耶穌原知道要賣他的是誰,所以說:「你們不都是乾淨的。」
12 Als Hij dan hun voeten gewassen, en Zijn klederen genomen had, zat Hij wederom aan, en zeide tot hen: Verstaat gij, wat Ik ulieden gedaan heb?
耶穌洗完了他們的腳,就穿上衣服,又坐下,對他們說:「我向你們所做的,你們明白嗎?
13 Gij heet Mij Meester en Heere; en gij zegt wel, want Ik ben het.
你們稱呼我夫子,稱呼我主,你們說的不錯,我本來是。
14 Indien dan Ik, de Heere en de Meester, uw voeten gewassen heb, zo zijt gij ook schuldig, elkanders voeten te wassen.
我是你們的主,你們的夫子,尚且洗你們的腳,你們也當彼此洗腳。
15 Want Ik heb u een voorbeeld gegeven, opdat, gelijkerwijs Ik u gedaan heb, gijlieden ook doet.
我給你們作了榜樣,叫你們照着我向你們所做的去做。
16 Voorwaar, voorwaar zeg Ik u: Een dienstknecht is niet meerder dan zijn heer, noch een gezant meerder, dan die hem gezonden heeft.
我實實在在地告訴你們,僕人不能大於主人,差人也不能大於差他的人。
17 Indien gij deze dingen weet, zalig zijt gij, zo gij dezelve doet.
你們既知道這事,若是去行就有福了。
18 Ik zeg niet van u allen: Ik weet, welke Ik uitverkoren heb; maar dit geschiedt, opdat de Schrift vervuld worde: Die met Mij het brood eet, heeft tegen Mij zijn verzenen opgeheven.

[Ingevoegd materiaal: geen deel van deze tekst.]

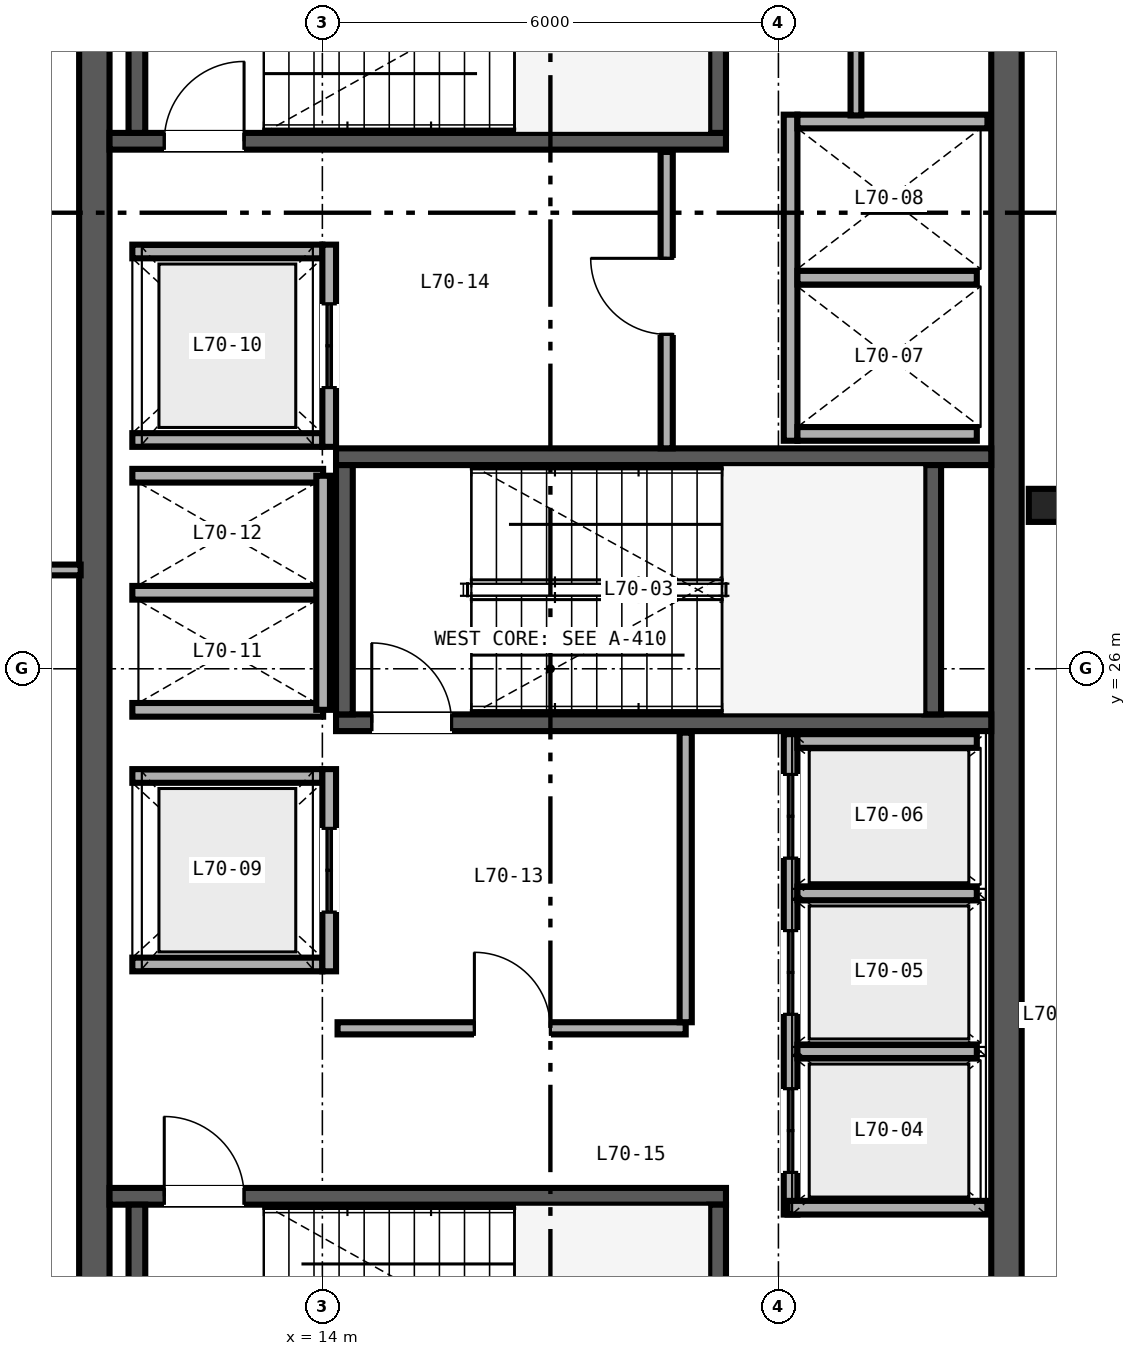
"""IFC4 building model, lengths in metres.
Left out: names, types, materials, properties, quantities, classifications, styles, units other than length and angle.
Written with IfcOpenShell. Run it as: python <this file> out.ifc"""

import sys

from ifc_helpers import new_model, si_unit, direction, frame, frame_2d, origin, origin_2d, place, context, subcontext, project, spatial, rectangle, i_section, extrude, source, transform, mapped, element, fill, save


model = new_model("IFC4")
c1 = context("Model", 3, precision=1e-05, world=origin(), true_north=direction((0.0, 1.0)))
c2 = subcontext(c1, "Body", "Model", "MODEL_VIEW")
j1 = project(units=[si_unit("LENGTHUNIT", "METRE"), si_unit("PLANEANGLEUNIT", "RADIAN")], contexts=[c1])
p1 = place(None, origin())
s1 = spatial("IfcSite", under=j1, at=p1, CompositionType="ELEMENT")
p2 = place(p1, origin())
s2 = spatial("IfcBuilding", under=s1, at=p2, CompositionType="ELEMENT")
p3 = place(p2, frame((0.0, 0.0, 276.0)))
s3 = spatial("IfcBuildingStorey", under=s2, at=p3, CompositionType="ELEMENT", Elevation=276.0)
for number, where, z_axis, x_axis in (
    (1, (11.0, 15.2, 0.0), (0.0, 0.0, 1.0), (0.0, 1.0, 0.0)),
    (2, (23.0, 15.2, 0.0), (0.0, 0.0, 1.0), (0.0, 1.0, 0.0)),
):
    element("IfcWall", number, at=place(p3, frame(where, z_axis=z_axis, x_axis=x_axis)), inside=s3, PredefinedType="SHEAR", context=c2, shape_type="SweptSolid", body=[
        extrude(rectangle(XDim=21.6, YDim=0.4, at=frame_2d((10.8, 0.0))), origin(), (0.0, 0.0, 1.0), 3.38),
    ])
p4 = place(p3, frame((11.2, 19.06, 0.0), z_axis=(0.0, 0.0, 1.0), x_axis=(1.0, 0.0, 0.0)))
e3 = element("IfcWall", 3, at=p4, inside=s3, PredefinedType="SHEAR", context=c2, shape_type="SweptSolid", body=[
    extrude(rectangle(XDim=8.11, YDim=0.22, at=frame_2d((4.055, 0.0))), origin(), (0.0, 0.0, 1.0), 3.4),
])
p5 = place(p4, frame((0.72, 0.0, 0.0)))
e4 = element("IfcOpeningElement", 4, at=p5, cuts=e3, PredefinedType="OPENING", context=c2, shape_type="SweptSolid", body=[
    extrude(rectangle(XDim=1.05, YDim=2.15, at=frame_2d((0.525, 1.075))), frame((0.0, 0.12, 0.0), z_axis=(0.0, -1.0, 0.0), x_axis=(1.0, 0.0, 0.0)), (0.0, 0.0, 1.0), 0.24),
])
for number, where, z_axis, x_axis in (
    (5, (11.56, 15.67, 0.0), (0.0, 0.0, 1.0), (0.0, 1.0, 0.0)),
    (6, (19.2, 15.67, 0.0), (0.0, 0.0, 1.0), (0.0, 1.0, 0.0)),
):
    element("IfcWall", number, at=place(p3, frame(where, z_axis=z_axis, x_axis=x_axis)), inside=s3, PredefinedType="SHEAR", context=c2, shape_type="SweptSolid", body=[
        extrude(rectangle(XDim=3.28, YDim=0.22, at=frame_2d((1.64, 0.0))), origin(), (0.0, 0.0, 1.0), 3.4),
    ])
p6 = place(p3, frame((11.2, 32.94, 0.0), z_axis=(0.0, 0.0, 1.0), x_axis=(1.0, 0.0, 0.0)))
e7 = element("IfcWall", 7, at=p6, inside=s3, PredefinedType="SHEAR", context=c2, shape_type="SweptSolid", body=[
    extrude(rectangle(XDim=8.11, YDim=0.22, at=frame_2d((4.055, 0.0))), origin(), (0.0, 0.0, 1.0), 3.4),
])
p7 = place(p6, frame((0.72, 0.0, 0.0)))
e8 = element("IfcOpeningElement", 8, at=p7, cuts=e7, PredefinedType="OPENING", context=c2, shape_type="SweptSolid", body=[
    extrude(rectangle(XDim=1.05, YDim=2.15, at=frame_2d((0.525, 1.075))), frame((0.0, 0.12, 0.0), z_axis=(0.0, -1.0, 0.0), x_axis=(1.0, 0.0, 0.0)), (0.0, 0.0, 1.0), 0.24),
])
for number, where, z_axis, x_axis in (
    (9, (11.56, 33.05, 0.0), (0.0, 0.0, 1.0), (0.0, 1.0, 0.0)),
    (10, (19.2, 33.05, 0.0), (0.0, 0.0, 1.0), (0.0, 1.0, 0.0)),
):
    element("IfcWall", number, at=place(p3, frame(where, z_axis=z_axis, x_axis=x_axis)), inside=s3, PredefinedType="SHEAR", context=c2, shape_type="SweptSolid", body=[
        extrude(rectangle(XDim=3.28, YDim=0.22, at=frame_2d((1.64, 0.0))), origin(), (0.0, 0.0, 1.0), 3.4),
    ])
p8 = place(p3, frame((14.18, 25.29, 0.0), z_axis=(0.0, 0.0, 1.0), x_axis=(1.0, 0.0, 0.0)))
e11 = element("IfcWall", 11, at=p8, inside=s3, PredefinedType="SHEAR", context=c2, shape_type="SweptSolid", body=[
    extrude(rectangle(XDim=8.62, YDim=0.22, at=frame_2d((4.31, 0.0))), origin(), (0.0, 0.0, 1.0), 3.4),
])
p9 = place(p8, frame((0.47, 0.0, 0.0)))
e12 = element("IfcOpeningElement", 12, at=p9, cuts=e11, PredefinedType="OPENING", context=c2, shape_type="SweptSolid", body=[
    extrude(rectangle(XDim=1.05, YDim=2.15, at=frame_2d((0.525, 1.075))), frame((0.0, 0.12, 0.0), z_axis=(0.0, -1.0, 0.0), x_axis=(1.0, 0.0, 0.0)), (0.0, 0.0, 1.0), 0.24),
])
p10 = place(p3, frame((14.18, 28.79, 0.0), z_axis=(0.0, 0.0, 1.0), x_axis=(1.0, 0.0, 0.0)))
e13 = element("IfcWall", 13, at=p10, inside=s3, PredefinedType="SHEAR", context=c2, shape_type="SweptSolid", body=[
    extrude(rectangle(XDim=8.62, YDim=0.22, at=frame_2d((4.31, 0.0))), origin(), (0.0, 0.0, 1.0), 3.4),
])
for number, where, z_axis, x_axis in (
    (14, (14.29, 25.4, 0.0), (0.0, 0.0, 1.0), (0.0, 1.0, 0.0)),
    (15, (22.03, 25.4, 0.0), (0.0, 0.0, 1.0), (0.0, 1.0, 0.0)),
):
    element("IfcWall", number, at=place(p3, frame(where, z_axis=z_axis, x_axis=x_axis)), inside=s3, PredefinedType="SHEAR", context=c2, shape_type="SweptSolid", body=[
        extrude(rectangle(XDim=3.28, YDim=0.22, at=frame_2d((1.64, 0.0))), origin(), (0.0, 0.0, 1.0), 3.4),
    ])
m1 = source(origin(), c2, "Body", "SweptSolid", [
    extrude(i_section(OverallWidth=0.412, OverallDepth=0.435, WebThickness=0.036, FlangeThickness=0.057, FilletRadius=0.025, at=origin_2d()), origin(), (0.0, 0.0, 1.0), 3.38),
])
p11 = place(p3, frame((23.5, 28.15, 0.0), z_axis=(0.0, 0.0, 1.0), x_axis=(1.0, 0.0, 0.0)))
e16 = element("IfcColumn", 16, at=p11, inside=s3, PredefinedType="COLUMN", context=c2, shape_type="MappedRepresentation", body=[
    mapped(m1, transform((0.0, 0.0, 0.0), scale=1.0)),
])
p12 = place(p3, frame((20.16, 18.82, 0.0), z_axis=(0.0, 0.0, 1.0), x_axis=(0.0, 1.0, 0.0)))
e17 = element("IfcWall", 17, at=p12, inside=s3, PredefinedType="SOLIDWALL", context=c2, shape_type="SweptSolid", body=[
    extrude(rectangle(XDim=6.32, YDim=0.18, at=frame_2d((3.16, 0.0))), origin(), (0.0, 0.0, 1.0), 2.48),
])
p13 = place(p12, frame((0.555, 0.0, 0.0)))
e18 = element("IfcOpeningElement", 18, at=p13, cuts=e17, PredefinedType="OPENING", context=c2, shape_type="SweptSolid", body=[
    extrude(rectangle(XDim=1.1, YDim=2.2, at=frame_2d((0.55, 1.1))), frame((0.0, 0.1, 0.0), z_axis=(0.0, -1.0, 0.0), x_axis=(1.0, 0.0, 0.0)), (0.0, 0.0, 1.0), 0.2),
])
p14 = place(p12, frame((2.635, 0.0, 0.0)))
e19 = element("IfcOpeningElement", 19, at=p14, cuts=e17, PredefinedType="OPENING", context=c2, shape_type="SweptSolid", body=[
    extrude(rectangle(XDim=1.1, YDim=2.2, at=frame_2d((0.55, 1.1))), frame((0.0, 0.1, 0.0), z_axis=(0.0, -1.0, 0.0), x_axis=(1.0, 0.0, 0.0)), (0.0, 0.0, 1.0), 0.2),
])
p15 = place(p12, frame((4.69, 0.0, 0.0)))
e20 = element("IfcOpeningElement", 20, at=p15, cuts=e17, PredefinedType="OPENING", context=c2, shape_type="SweptSolid", body=[
    extrude(rectangle(XDim=1.1, YDim=2.2, at=frame_2d((0.55, 1.1))), frame((0.0, 0.1, 0.0), z_axis=(0.0, -1.0, 0.0), x_axis=(1.0, 0.0, 0.0)), (0.0, 0.0, 1.0), 0.2),
])
p16 = place(p3, frame((20.12, 18.91, 0.0), z_axis=(0.0, 0.0, 1.0), x_axis=(1.0, 0.0, 0.0)))
e21 = element("IfcWall", 21, at=p16, inside=s3, PredefinedType="SOLIDWALL", context=c2, shape_type="SweptSolid", body=[
    extrude(rectangle(XDim=2.63, YDim=0.18, at=frame_2d((1.315, 0.0))), origin(), (0.0, 0.0, 1.0), 3.38),
])
p17 = place(p3, frame((20.25, 25.05, 0.0), z_axis=(0.0, 0.0, 1.0), x_axis=(1.0, 0.0, 0.0)))
e22 = element("IfcWall", 22, at=p17, inside=s3, PredefinedType="SOLIDWALL", context=c2, shape_type="SweptSolid", body=[
    extrude(rectangle(XDim=2.36, YDim=0.18, at=frame_2d((1.18, 0.0))), origin(), (0.0, 0.0, 1.0), 3.38),
])
p18 = place(p3, frame((20.25, 20.965, 0.0), z_axis=(0.0, 0.0, 1.0), x_axis=(1.0, 0.0, 0.0)))
e23 = element("IfcWall", 23, at=p18, inside=s3, PredefinedType="SOLIDWALL", context=c2, shape_type="SweptSolid", body=[
    extrude(rectangle(XDim=2.36, YDim=0.18, at=frame_2d((1.18, 0.0))), origin(), (0.0, 0.0, 1.0), 2.48),
])
p19 = place(p3, frame((20.25, 23.045, 0.0), z_axis=(0.0, 0.0, 1.0), x_axis=(1.0, 0.0, 0.0)))
e24 = element("IfcWall", 24, at=p19, inside=s3, PredefinedType="SOLIDWALL", context=c2, shape_type="SweptSolid", body=[
    extrude(rectangle(XDim=2.36, YDim=0.18, at=frame_2d((1.18, 0.0))), origin(), (0.0, 0.0, 1.0), 3.38),
])
p20 = place(p3, frame((20.16, 29.0, 0.0), z_axis=(0.0, 0.0, 1.0), x_axis=(0.0, 1.0, 0.0)))
e25 = element("IfcWall", 25, at=p20, inside=s3, PredefinedType="SOLIDWALL", context=c2, shape_type="SweptSolid", body=[
    extrude(rectangle(XDim=4.29, YDim=0.18, at=frame_2d((2.145, 0.0))), origin(), (0.0, 0.0, 1.0), 3.38),
])
p21 = place(p3, frame((20.25, 29.09, 0.0), z_axis=(0.0, 0.0, 1.0), x_axis=(1.0, 0.0, 0.0)))
e26 = element("IfcWall", 26, at=p21, inside=s3, PredefinedType="SOLIDWALL", context=c2, shape_type="SweptSolid", body=[
    extrude(rectangle(XDim=2.36, YDim=0.18, at=frame_2d((1.18, 0.0))), origin(), (0.0, 0.0, 1.0), 3.38),
])
p22 = place(p3, frame((20.25, 33.2, 0.0), z_axis=(0.0, 0.0, 1.0), x_axis=(1.0, 0.0, 0.0)))
e27 = element("IfcWall", 27, at=p22, inside=s3, PredefinedType="SOLIDWALL", context=c2, shape_type="SweptSolid", body=[
    extrude(rectangle(XDim=2.5, YDim=0.18, at=frame_2d((1.25, 0.0))), origin(), (0.0, 0.0, 1.0), 3.38),
])
p23 = place(p3, frame((20.25, 31.145, 0.0), z_axis=(0.0, 0.0, 1.0), x_axis=(1.0, 0.0, 0.0)))
e28 = element("IfcWall", 28, at=p23, inside=s3, PredefinedType="SOLIDWALL", context=c2, shape_type="SweptSolid", body=[
    extrude(rectangle(XDim=2.36, YDim=0.18, at=frame_2d((1.18, 0.0))), origin(), (0.0, 0.0, 1.0), 3.38),
])
for number, where, z_axis, x_axis in (
    (29, (11.5, 22.11, 0.0), (0.0, 0.0, 1.0), (1.0, 0.0, 0.0)),
    (30, (11.5, 24.59, 0.0), (0.0, 0.0, 1.0), (1.0, 0.0, 0.0)),
):
    element("IfcWall", number, at=place(p3, frame(where, z_axis=z_axis, x_axis=x_axis)), inside=s3, PredefinedType="SOLIDWALL", context=c2, shape_type="SweptSolid", body=[
        extrude(rectangle(XDim=2.5, YDim=0.18, at=frame_2d((1.25, 0.0))), origin(), (0.0, 0.0, 1.0), 3.38),
    ])
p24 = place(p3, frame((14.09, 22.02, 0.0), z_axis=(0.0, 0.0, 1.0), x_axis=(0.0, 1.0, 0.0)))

我這話不是指着你們眾人說的,我知道我所揀選的是誰。現在要應驗經上的話,說:『同我吃飯的人用腳踢我。』
19 Van nu zeg Ik het ulieden, eer het geschied is, opdat, wanneer het geschied zal zijn, gij geloven moogt, dat Ik het ben.
如今事情還沒有成就,我要先告訴你們,叫你們到事情成就的時候可以信我是基督。
20 Voorwaar, voorwaar zeg Ik u: Zo Ik iemand zende, wie dien ontvangt, die ontvangt Mij, en wie Mij ontvangt, die ontvangt Hem, Die Mij gezonden heeft.
我實實在在地告訴你們,有人接待我所差遣的,就是接待我;接待我,就是接待那差遣我的。」
21 Jezus, deze dingen gezegd hebbende, werd ontroerd in den geest, en betuigde, en zeide: Voorwaar, voorwaar, Ik zeg u, dat een van ulieden Mij zal verraden.
耶穌說了這話,心裏憂愁,就明說:「我實實在在地告訴你們,你們中間有一個人要賣我了。」
22 De discipelen dan zagen op elkander, twijfelende, van wien Hij dat zeide.
門徒彼此對看,猜不透所說的是誰。
23 En een van Zijn discipelen was aanzittende in den schoot van Jezus, welken Jezus liefhad.
有一個門徒,是耶穌所愛的,側身挨近耶穌的懷裏。
24 Simon Petrus dan wenkte dezen, dat hij vragen zou, wie hij toch ware, van welken Hij dit zeide.
西門‧彼得點頭對他說:「你告訴我們,主是指着誰說的。」
25 En deze, vallende op de borst van Jezus, zeide tot Hem: Heere, wie is het?
那門徒便就勢靠着耶穌的胸膛,問他說:「主啊,是誰呢?」
26 Jezus antwoordde: Deze is het, dien Ik de bete, als Ik ze ingedoopt heb, geven zal. En als Hij de bete ingedoopt had, gaf Hij ze Judas, Simons zoon, Iskariot.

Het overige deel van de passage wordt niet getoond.